Efendim, Süleyman Demirel der ki; “Ben paşaları, savcıları, subay ve askerleri öldürenlerden nefret ediyorum.” Ne güzel değil mi? Ama adetleri değildir, nedenlerini sormak.
Peki Sülo, geceyarıları vatandaşları evlerinden alarak öldürenleri, gençler için “Karakolda intihar etti” diyenleri, kışla ve polis nezaretinde vatandaşa dışkı yedirenleri ve işkenceyle öldürenleri, tüm bu insanlık dışı olaylara emir verenleri ya da göz yumanları seviyor musun?
Peki, sen olsaydı ne yapardın? Herhalde onları, zavallı milletin vekili yapardın!..
Evet, hepimiz katilden nefret ederiz ama her zaman öldüren haksız değildir.
Hele bugünkü devlet idaremizde, işler büsbütün karışmıştır.
Devletimiz külhanbeyidir. Zulüm ve şiddetle kurulmuştur.
Zanneder ki, o öldürür ama kimse el kaldırmaz.
Geçti o devir, ey sağır devlet! Sen, kanunlarında feodal ve ağa oluyorsun. Ben, eski feodal ağaları gördüm. Bugünkü polis ve jandarma gibi adamları da vardı.
Ama ne o ağalarımız, ne de onların bugün her düzeydeki devlet hizmetindekiler kadar amansız, zalim ve görgüsüz değillerdi. Onlarda aşiret terbiyesi vardı.
Öldürse de, talan etse de, örf ve adetlere göre yapardı.

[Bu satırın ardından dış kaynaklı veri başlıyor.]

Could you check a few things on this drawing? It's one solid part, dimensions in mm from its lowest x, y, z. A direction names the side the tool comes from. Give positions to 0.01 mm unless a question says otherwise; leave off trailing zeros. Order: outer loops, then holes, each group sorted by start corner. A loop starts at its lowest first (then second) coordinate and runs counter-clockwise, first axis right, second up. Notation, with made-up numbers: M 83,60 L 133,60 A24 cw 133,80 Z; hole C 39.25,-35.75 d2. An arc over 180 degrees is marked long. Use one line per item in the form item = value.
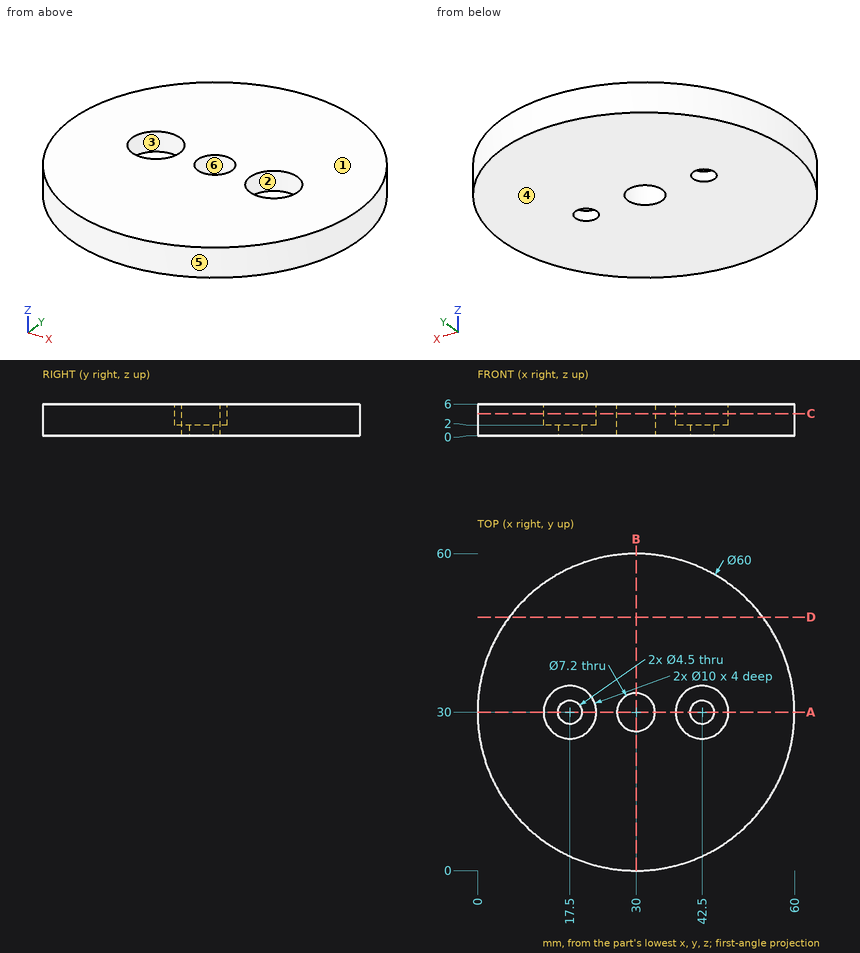
Q1. I need wall thicknesses on L1, parallel to X at y = 31, z = 2.6; L2, parallel to Y at x = 33, z = 3.85; L3, parallel to Y at x = 46.5, z = 4.85. Which ranges of each line are inside material? Lowest first, please.
Found:
L1 = 0.02 to 12.6, 22.4 to 26.54, 33.46 to 37.6, 47.4 to 59.98
L2 = 0.15 to 28.01, 31.99 to 59.85
L3 = 4.95 to 27, 33 to 55.05
Q2. I want a section at D-D on y = 48. Write out the boundary of the cut face in (x, z).
Found:
outline = M 6,0 L 54,0 L 54,6 L 6,6 Z
Q3. I want a section at A-A on y = 30. Write out the boundary of the cut face in (x, z), then the cut area to 3 significant figures.
Found:
outline = M 0,0 L 15.25,0 L 15.25,2 L 12.5,2 L 12.5,6 L 0,6 Z; M 19.75,0 L 26.4,0 L 26.4,6 L 22.5,6 L 22.5,2 L 19.75,2 Z; M 33.6,0 L 40.25,0 L 40.25,2 L 37.5,2 L 37.5,6 L 33.6,6 Z; M 44.75,0 L 60,0 L 60,6 L 47.5,6 L 47.5,2 L 44.75,2 Z
area = 219 mm²
Q4. I want a section at B-B on x = 30. Write out the boundary of the cut face in (y, z), then the cut area to 3 significant figures.
Found:
outline = M 0,0 L 26.4,0 L 26.4,6 L 0,6 Z; M 33.6,0 L 60,0 L 60,6 L 33.6,6 Z
area = 317 mm²
Q5. Thinking about a two-plate mould opening in X: for the marked faces 3, 4, 5 and 6, which applies, +X half, -X half, draft (parallel to the pull), parting line (faces both ways), or undercut?
Found:
face_3 = undercut
face_4 = draft
face_5 = parting line
face_6 = undercut
Q6. I'm going to push flat-ended pins straight in: pin 1 Ø3 at (y, z) = (26.5, 1) entering from -X; pin 2 Ø3 at (y, z) = (19, 2.5) entering from +X; pin 3 Ø5 at (x, y) = (42.5, 28.5) entering from +Z; pin 4 Ø6 at (x, y) = (30, 30) entering from +Z. Where does each tip first touch, or does it pass through?
Found:
pin_1 = 0.07
pin_2 = 58.46
pin_3 = 2
pin_4 = through
Q7. On a 3-axis mill with a long thin cutter (end or side, diameter ignored), from which of +Z, -Z, +X, -X, +Y, -Y can I reach the whole of each face in a straight line? I mean the marked faces 1 and 2. Say none if no direction works.
Found:
face_1 = +Z, +X, -X, +Y, -Y
face_2 = +Z
Q8. I want a section at C-C on z = 4.2. Write out the boundary of the cut face in (x, y).
Found:
outline = C 30,30 d60; hole C 17.5,30 d10; hole C 30,30 d7.2; hole C 42.5,30 d10

Oysa şimdiki hükümet idaresi ve güvenlik kuvvetlerinde ne modern anlamda sivillik (medenilik) kaldı, ne de aşiret terbiyesi.
Örneğin 15 Eylül tarihinde Mardin’in bir köyünde hasta partizan bir kız yaşamını yitirdi. Yüzbaşı, kızı çırılçıplak bir halde askerler arasına attı; üstünü bir battaniye ile örtmek isteyen bir şoförü de öldüresiye dövdü.
Şimdi anladın mı, sözüm ona “Baba Sülo?” İşte böyle terbiyesiz, hayasız ve canavar ruhlular da var bizde.
Sen anlamazsın ama eski dinimizin kitabı olan Zerdeşt’ten bir ayet:
“Ne dijminê xeraba bin, dijminê xerabiyê bin.” “Kötülerin değil, kötülüğün düşmanı olun” der Hazreti Zerdüşt. Anlamı açıktır. “Eğer kötülük ortadan kalkarsa, kötüler türeyemez” demek isteniyor. Ben de demek istiyorum ki, eğer Kürt sorunu adil bir şekilde halledilirse, ne paşa, ne savcı, ne de diğerleri öldürülür.
O vakit, şundan bundan nefret eden biri değil, cidden sevecen bir “Baba” olursun. Hem de sana “Baba” demek kimseye dokunmaz. Çünkü sen de Papa gibi evlatsız bir nevi rahipsin!